# Training a DeeProtGO model

This notebook is aimed to train DeeProtGO to predict Bilogical Process (BP) Gene Ontology (GO) terms for *NK* proteins from Eukarya organisms. 

## Requirements

In [None]:
import os
import numpy as np
import pandas as pd
import torch
import torch.nn as nn
import torch.nn.functional as F


Downloading GitHub repository and setting data directory

In [None]:
!git clone https://github.com/gamerino/DeeProtGO.git
!./DeeProtGO/data/processed/Training/dataPreparation.sh

In [None]:
os.chdir('DeeProtGO/')

In [None]:
from src.sampler import Sampler
from src.dataloader import Dataloader
from src.DNNModel import DNNModel
from src.logger import Logger
from src.DNN import DNN
from src.earlyStop import EarlyStopping


### 1. Setting global parameters

In [None]:
torch.set_num_threads(torch.get_num_threads())
use_GPU = True
if use_GPU & torch.cuda.is_available():
    torch.cuda.manual_seed_all(1)
else:
    use_GPU = False
np.random.seed(1)
torch.manual_seed(1)


<torch._C.Generator at 0x7fe5a2be3f60>

In [None]:
# Directory for saving model fitting results 
trainingDate = '13052021' # This date can be changed for avoiding overwriting current files 
res_dir = "examples/train_NK_EUKA_BP/"
if not os.path.isdir('./'+res_dir):
    os.mkdir(res_dir)

### 2.  Setup parameters and model hyperparameters

In [None]:
Nfolds = 3
activFunc = F.elu
optimMethod = torch.optim.Adam
criterion = nn.BCELoss
thresh = 0.2
learning_rate = 0.005
nepoch = 100
patience = 10
nbatch = 128
pDrop = 0.5

pPSD1 = 0.5
pPSD2 = 0.35
pEmb1 = 0.7
pEmb2 = 0.5
pTaxon1 = 0.7
pTaxon2 = 0.5

pHidden1 = 1
pHidden2 = 0.7

samplingNegPerc = 0.1399 # Of all negatives, we want to take 0.1399*100 of the data


### 3. Data loading 

In [None]:
dirData = 'data/processed/Training/'
propOutFile = dirData + "GOTermsPropRel_Euka_BP_train.tab" # file with relationships between GO terms

In [None]:
dloaderAll = Dataloader(dirData = dirData, posEntriesFile = "PosEntries_Euka_BP.tab",
                        negEntriesFile = "NegEntries_Euka_BP.tab",
                        netOutFile = "netOut_BP_Euka.h5", inputData1 = "LevSim_BP_Euka.h5", 
                        inputData2 = "Emb_BP_Euka.h5", inputData3 = "Taxon_BP_Euka.h5", 
                        samplingNegPerc = samplingNegPerc)


Loading data...
Dataset ready with 7180 cases .


In [None]:
case = "PSD_Emb_Taxon"
cases = dloaderAll.get_labels()

### 4. Model training

In [None]:
sampler_list = []
for fold in range(Nfolds):
    sampler_list.append(Sampler(cases, fold, Nfolds, nbatch, partsize=[.70, .10, .20]))

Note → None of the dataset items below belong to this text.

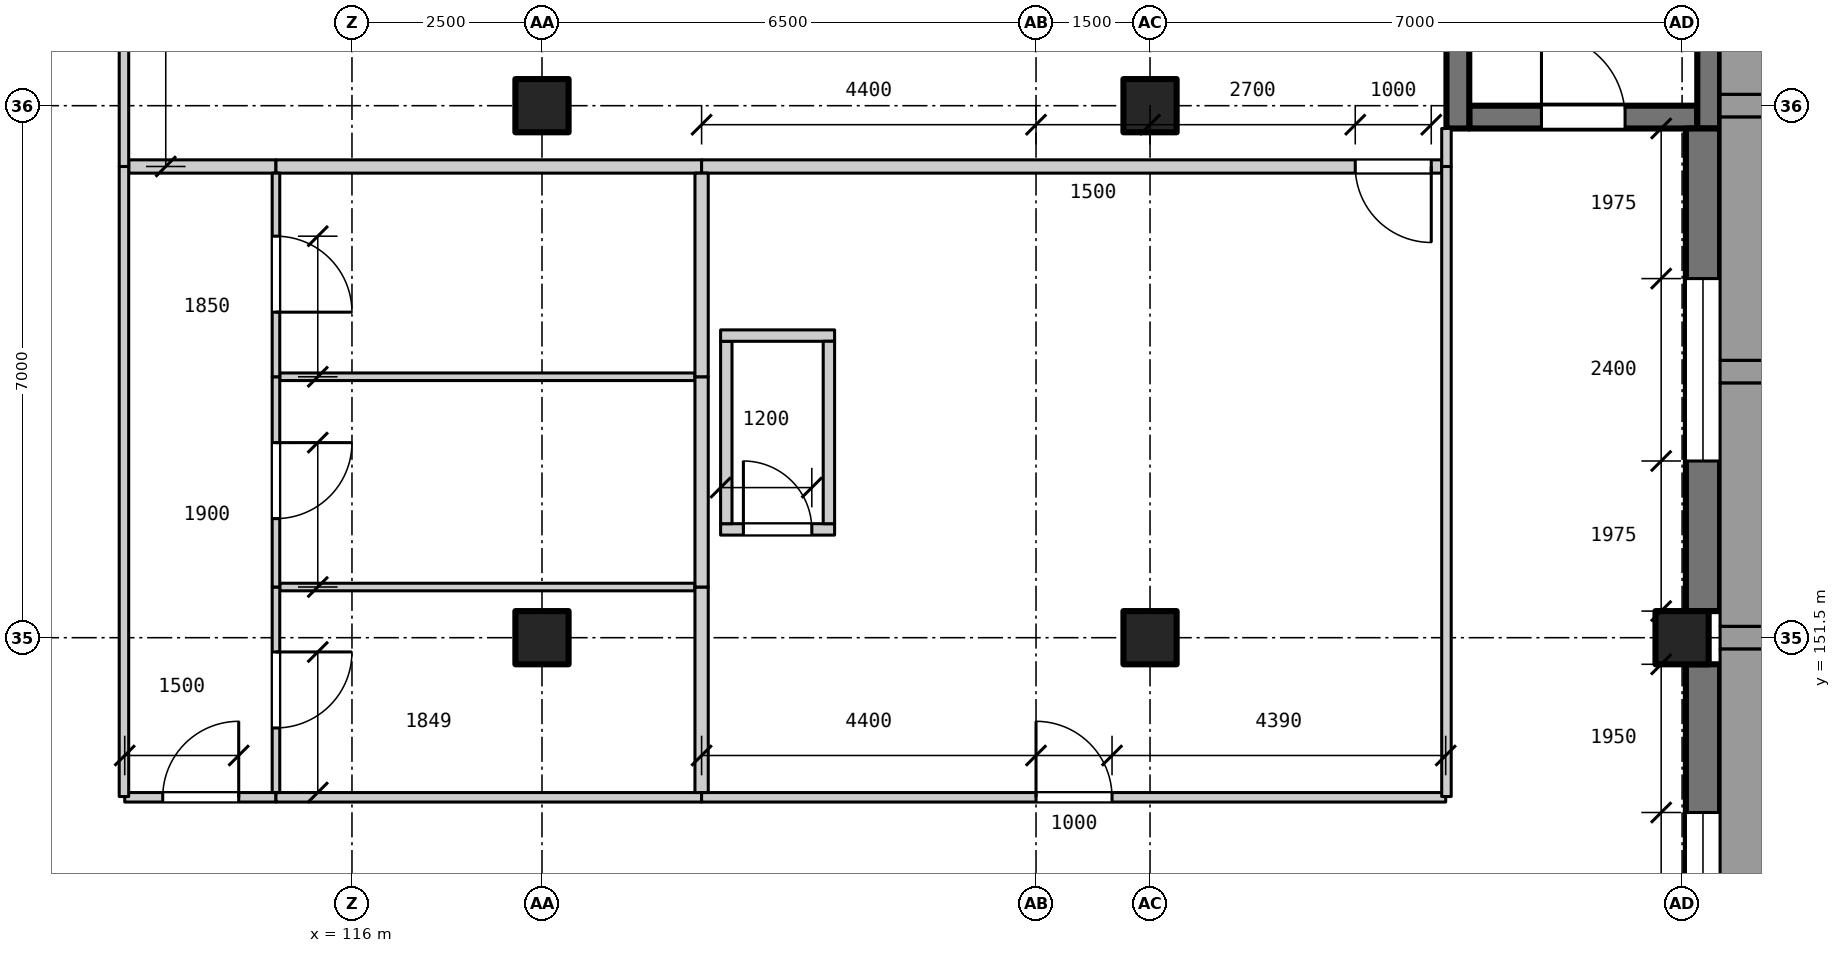
"""IFC4 building model, lengths in metres.
Left out: names, types, materials, properties, quantities, classifications, styles, units other than length and angle.
Written with IfcOpenShell. Run it as: python <this file> out.ifc"""

import sys

from ifc_helpers import new_model, si_unit, direction, frame, frame_2d, origin, origin_2d, place, context, subcontext, project, spatial, rectangle, extrude, element, fill, save


model = new_model("IFC4")
c1 = context("Model", 3, precision=1e-05, world=origin(), true_north=direction((0.0, 1.0)))
c2 = subcontext(c1, "Body", "Model", "MODEL_VIEW")
j1 = project(units=[si_unit("LENGTHUNIT", "METRE"), si_unit("PLANEANGLEUNIT", "RADIAN")], contexts=[c1])
p1 = place(None, origin())
s1 = spatial("IfcSite", under=j1, at=p1, CompositionType="ELEMENT")
p2 = place(p1, origin())
s2 = spatial("IfcBuilding", under=s1, at=p2, CompositionType="ELEMENT")
p3 = place(p2, frame((0.0, 0.0, 6.0)))
s3 = spatial("IfcBuildingStorey", under=s2, at=p3, CompositionType="ELEMENT", Elevation=6.0)
for number, where, z_axis, x_axis in (
    (1, (118.5, 151.5, 0.0), (0.0, 0.0, 1.0), (1.0, 0.0, 0.0)),
    (2, (118.5, 158.5, 0.0), (0.0, 0.0, 1.0), (1.0, 0.0, 0.0)),
    (3, (126.5, 151.5, 0.0), (0.0, 0.0, 1.0), (1.0, 0.0, 0.0)),
    (4, (126.5, 158.5, 0.0), (0.0, 0.0, 1.0), (1.0, 0.0, 0.0)),
    (5, (133.5, 151.5, 0.0), (0.0, 0.0, 1.0), (1.0, 0.0, 0.0)),
):
    element("IfcColumn", number, at=place(p3, frame(where, z_axis=z_axis, x_axis=x_axis)), inside=s3, PredefinedType="COLUMN", context=c2, shape_type="SweptSolid", body=[
        extrude(rectangle(XDim=0.7, YDim=0.7, at=origin_2d()), origin(), (0.0, 0.0, 1.0), 4.2),
    ])
p4 = place(p3, frame((130.7, 158.35, 0.0), z_axis=(0.0, 0.0, 1.0), x_axis=(1.0, 0.0, 0.0)))
e6 = element("IfcWall", 6, at=p4, inside=s3, PredefinedType="SHEAR", context=c2, shape_type="SweptSolid", body=[
    extrude(rectangle(XDim=3.0, YDim=0.3, at=frame_2d((1.5, 0.0))), origin(), (0.0, 0.0, 1.0), 4.2),
])
p5 = place(p4, frame((0.95, 0.0, 0.0)))
e7 = element("IfcOpeningElement", 7, at=p5, cuts=e6, PredefinedType="OPENING", context=c2, shape_type="SweptSolid", body=[
    extrude(rectangle(XDim=1.1, YDim=2.1, at=frame_2d((0.55, 1.05))), frame((0.0, 0.16, 0.0), z_axis=(0.0, -1.0, 0.0), x_axis=(1.0, 0.0, 0.0)), (0.0, 0.0, 1.0), 0.32),
])
p6 = place(p3, frame((130.55, 158.2, 0.0), z_axis=(0.0, 0.0, 1.0), x_axis=(0.0, 1.0, 0.0)))
e8 = element("IfcWall", 8, at=p6, inside=s3, PredefinedType="SHEAR", context=c2, shape_type="SweptSolid", body=[
    extrude(rectangle(XDim=7.5, YDim=0.3, at=frame_2d((3.75, 0.0))), origin(), (0.0, 0.0, 1.0), 4.2),
])
p7 = place(p3, frame((133.85, 165.7, 0.0), z_axis=(0.0, 0.0, 1.0), x_axis=(0.0, -1.0, 0.0)))
e9 = element("IfcWall", 9, at=p7, inside=s3, PredefinedType="SOLIDWALL", context=c2, shape_type="SweptSolid", body=[
    extrude(rectangle(XDim=7.5, YDim=0.3, at=frame_2d((3.75, 0.0))), origin(), (0.0, 0.0, 1.0), 3.9),
])
p8 = place(p3, frame((133.775, 151.15, 0.0), z_axis=(0.0, 0.0, 1.0), x_axis=(0.0, -1.0, 0.0)))
e10 = element("IfcWall", 10, at=p8, inside=s3, PredefinedType="SOLIDWALL", context=c2, shape_type="SweptSolid", body=[
    extrude(rectangle(XDim=6.3, YDim=0.45, at=frame_2d((3.15, 0.0))), origin(), (0.0, 0.0, 1.0), 3.2),
])
p9 = place(p8, frame((1.95, 0.0, 0.9)))
e11 = element("IfcOpeningElement", 11, at=p9, cuts=e10, PredefinedType="OPENING", context=c2, shape_type="SweptSolid", body=[
    extrude(rectangle(XDim=2.4, YDim=1.6, at=frame_2d((1.2, 0.8))), frame((0.0, 0.235, 0.0), z_axis=(0.0, -1.0, 0.0), x_axis=(1.0, 0.0, 0.0)), (0.0, 0.0, 1.0), 0.47),
])
p10 = place(p3, frame((133.775, 158.2, 0.0), z_axis=(0.0, 0.0, 1.0), x_axis=(0.0, -1.0, 0.0)))
e12 = element("IfcWall", 12, at=p10, inside=s3, PredefinedType="SOLIDWALL", context=c2, shape_type="SweptSolid", body=[
    extrude(rectangle(XDim=6.35, YDim=0.45, at=frame_2d((3.175, 0.0))), origin(), (0.0, 0.0, 1.0), 3.2),
])
p11 = place(p10, frame((1.975, 0.0, 0.9)))
e13 = element("IfcOpeningElement", 13, at=p11, cuts=e12, PredefinedType="OPENING", context=c2, shape_type="SweptSolid", body=[
    extrude(rectangle(XDim=2.4, YDim=1.6, at=frame_2d((1.2, 0.8))), frame((0.0, 0.235, 0.0), z_axis=(0.0, -1.0, 0.0), x_axis=(1.0, 0.0, 0.0)), (0.0, 0.0, 1.0), 0.47),
])
p12 = place(p3, frame((120.85, 152.925, 0.0), z_axis=(0.0, 0.0, 1.0), x_axis=(1.0, 0.0, 0.0)))
e14 = element("IfcWall", 14, at=p12, inside=s3, PredefinedType="PARTITIONING", context=c2, shape_type="SweptSolid", body=[
    extrude(rectangle(XDim=1.5, YDim=0.15, at=frame_2d((0.75, 0.0))), origin(), (0.0, 0.0, 1.0), 3.9),
])
p13 = place(p12, frame((0.3, 0.0, 0.0)))
e15 = element("IfcOpeningElement", 15, at=p13, cuts=e14, PredefinedType="OPENING", context=c2, shape_type="SweptSolid", body=[
    extrude(rectangle(XDim=0.9, YDim=2.1, at=frame_2d((0.45, 1.05))), frame((0.0, 0.085, 0.0), z_axis=(0.0, -1.0, 0.0), x_axis=(1.0, 0.0, 0.0)), (0.0, 0.0, 1.0), 0.17),
])
p14 = place(p3, frame((120.925, 153.0, 0.0), z_axis=(0.0, 0.0, 1.0), x_axis=(0.0, 1.0, 0.0)))
e16 = element("IfcWall", 16, at=p14, inside=s3, PredefinedType="PARTITIONING", context=c2, shape_type="SweptSolid", body=[
    extrude(rectangle(XDim=2.4, YDim=0.15, at=frame_2d((1.2, 0.0))), origin(), (0.0, 0.0, 1.0), 3.9),
])
p15 = place(p3, frame((120.85, 155.475, 0.0), z_axis=(0.0, 0.0, 1.0), x_axis=(1.0, 0.0, 0.0)))
e17 = element("IfcWall", 17, at=p15, inside=s3, PredefinedType="PARTITIONING", context=c2, shape_type="SweptSolid", body=[
    extrude(rectangle(XDim=1.5, YDim=0.15, at=frame_2d((0.75, 0.0))), origin(), (0.0, 0.0, 1.0), 3.9),
])
p16 = place(p3, frame((122.275, 153.0, 0.0), z_axis=(0.0, 0.0, 1.0), x_axis=(0.0, 1.0, 0.0)))
e18 = element("IfcWall", 18, at=p16, inside=s3, PredefinedType="PARTITIONING", context=c2, shape_type="SweptSolid", body=[
    extrude(rectangle(XDim=2.4, YDim=0.15, at=frame_2d((1.2, 0.0))), origin(), (0.0, 0.0, 1.0), 3.9),
])
p17 = place(p3, frame((113.01, 149.4, 0.0), z_axis=(0.0, 0.0, 1.0), x_axis=(1.0, 0.0, 0.0)))
e19 = element("IfcWall", 19, at=p17, inside=s3, PredefinedType="PARTITIONING", context=c2, shape_type="SweptSolid", body=[
    extrude(rectangle(XDim=1.99, YDim=0.125, at=frame_2d((0.995, 0.0))), origin(), (0.0, 0.0, 1.0), 3.9),
])
p18 = place(p17, frame((0.5, 0.0, 0.0)))
e20 = element("IfcOpeningElement", 20, at=p18, cuts=e19, PredefinedType="OPENING", context=c2, shape_type="SweptSolid", body=[
    extrude(rectangle(XDim=1.0, YDim=2.1, at=frame_2d((0.5, 1.05))), frame((0.0, 0.073, 0.0), z_axis=(0.0, -1.0, 0.0), x_axis=(1.0, 0.0, 0.0)), (0.0, 0.0, 1.0), 0.145),
])
p19 = place(p3, frame((115.0, 149.4, 0.0), z_axis=(0.0, 0.0, 1.0), x_axis=(1.0, 0.0, 0.0)))
e21 = element("IfcWall", 21, at=p19, inside=s3, PredefinedType="PARTITIONING", context=c2, shape_type="SweptSolid", body=[
    extrude(rectangle(XDim=5.6, YDim=0.125, at=frame_2d((2.8, 0.0))), origin(), (0.0, 0.0, 1.0), 3.9),
])
p20 = place(p3, frame((120.6, 149.4, 0.0), z_axis=(0.0, 0.0, 1.0), x_axis=(1.0, 0.0, 0.0)))
e22 = element("IfcWall", 22, at=p20, inside=s3, PredefinedType="PARTITIONING", context=c2, shape_type="SweptSolid", body=[
    extrude(rectangle(XDim=9.79, YDim=0.125, at=frame_2d((4.895, 0.0))), origin(), (0.0, 0.0, 1.0), 3.9),
])
p21 = place(p20, frame((4.4, 0.0, 0.0)))
e23 = element("IfcOpeningElement", 23, at=p21, cuts=e22, PredefinedType="OPENING", context=c2, shape_type="SweptSolid", body=[
    extrude(rectangle(XDim=1.0, YDim=2.1, at=frame_2d((0.5, 1.05))), frame((0.0, 0.073, 0.0), z_axis=(0.0, -1.0, 0.0), x_axis=(1.0, 0.0, 0.0)), (0.0, 0.0, 1.0), 0.145),
])
for number, where, z_axis, x_axis in (
    (24, (115.05, 152.167, 0.0), (0.0, 0.0, 1.0), (1.0, 0.0, 0.0)),
    (25, (115.05, 154.933, 0.0), (0.0, 0.0, 1.0), (1.0, 0.0, 0.0)),
):
    element("IfcWall", number, at=place(p3, frame(where, z_axis=z_axis, x_axis=x_axis)), inside=s3, PredefinedType="PARTITIONING", context=c2, shape_type="SweptSolid", body=[
        extrude(rectangle(XDim=5.462, YDim=0.1, at=frame_2d((2.731, 0.0))), origin(), (0.0, 0.0, 1.0), 3.9),
    ])
p22 = place(p3, frame((113.062, 157.7, 0.0), z_axis=(0.0, 0.0, 1.0), x_axis=(1.0, 0.0, 0.0)))
e26 = element("IfcWall", 26, at=p22, inside=s3, PredefinedType="PARTITIONING", context=c2, shape_type="SweptSolid", body=[
    extrude(rectangle(XDim=1.938, YDim=0.175, at=frame_2d((0.969, 0.0))), origin(), (0.0, 0.0, 1.0), 3.9),
])
p23 = place(p3, frame((115.0, 157.7, 0.0), z_axis=(0.0, 0.0, 1.0), x_axis=(1.0, 0.0, 0.0)))
e27 = element("IfcWall", 27, at=p23, inside=s3, PredefinedType="PARTITIONING", context=c2, shape_type="SweptSolid", body=[
    extrude(rectangle(XDim=5.6, YDim=0.175, at=frame_2d((2.8, 0.0))), origin(), (0.0, 0.0, 1.0), 3.9),
])
p24 = place(p3, frame((120.6, 157.7, 0.0), z_axis=(0.0, 0.0, 1.0), x_axis=(1.0, 0.0, 0.0)))
e28 = element("IfcWall", 28, at=p24, inside=s3, PredefinedType="PARTITIONING", context=c2, shape_type="SweptSolid", body=[
    extrude(rectangle(XDim=9.737, YDim=0.175, at=frame_2d((4.869, 0.0))), origin(), (0.0, 0.0, 1.0), 3.9),
])
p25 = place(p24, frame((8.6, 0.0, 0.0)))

loggerTrain = Logger(res_dir)
loggerTrain.start("train_%s" % (trainingDate))

loggerValid = Logger(res_dir)
loggerValid.start("valid_%s" % (trainingDate))

loggerTest = Logger(res_dir)
loggerTest.start("test_%s" % (trainingDate))
loggerTest.log("fold\tF1CAFA\tpreCAFA\trecCAFA\tthresh\tF1\tpre\trec\n")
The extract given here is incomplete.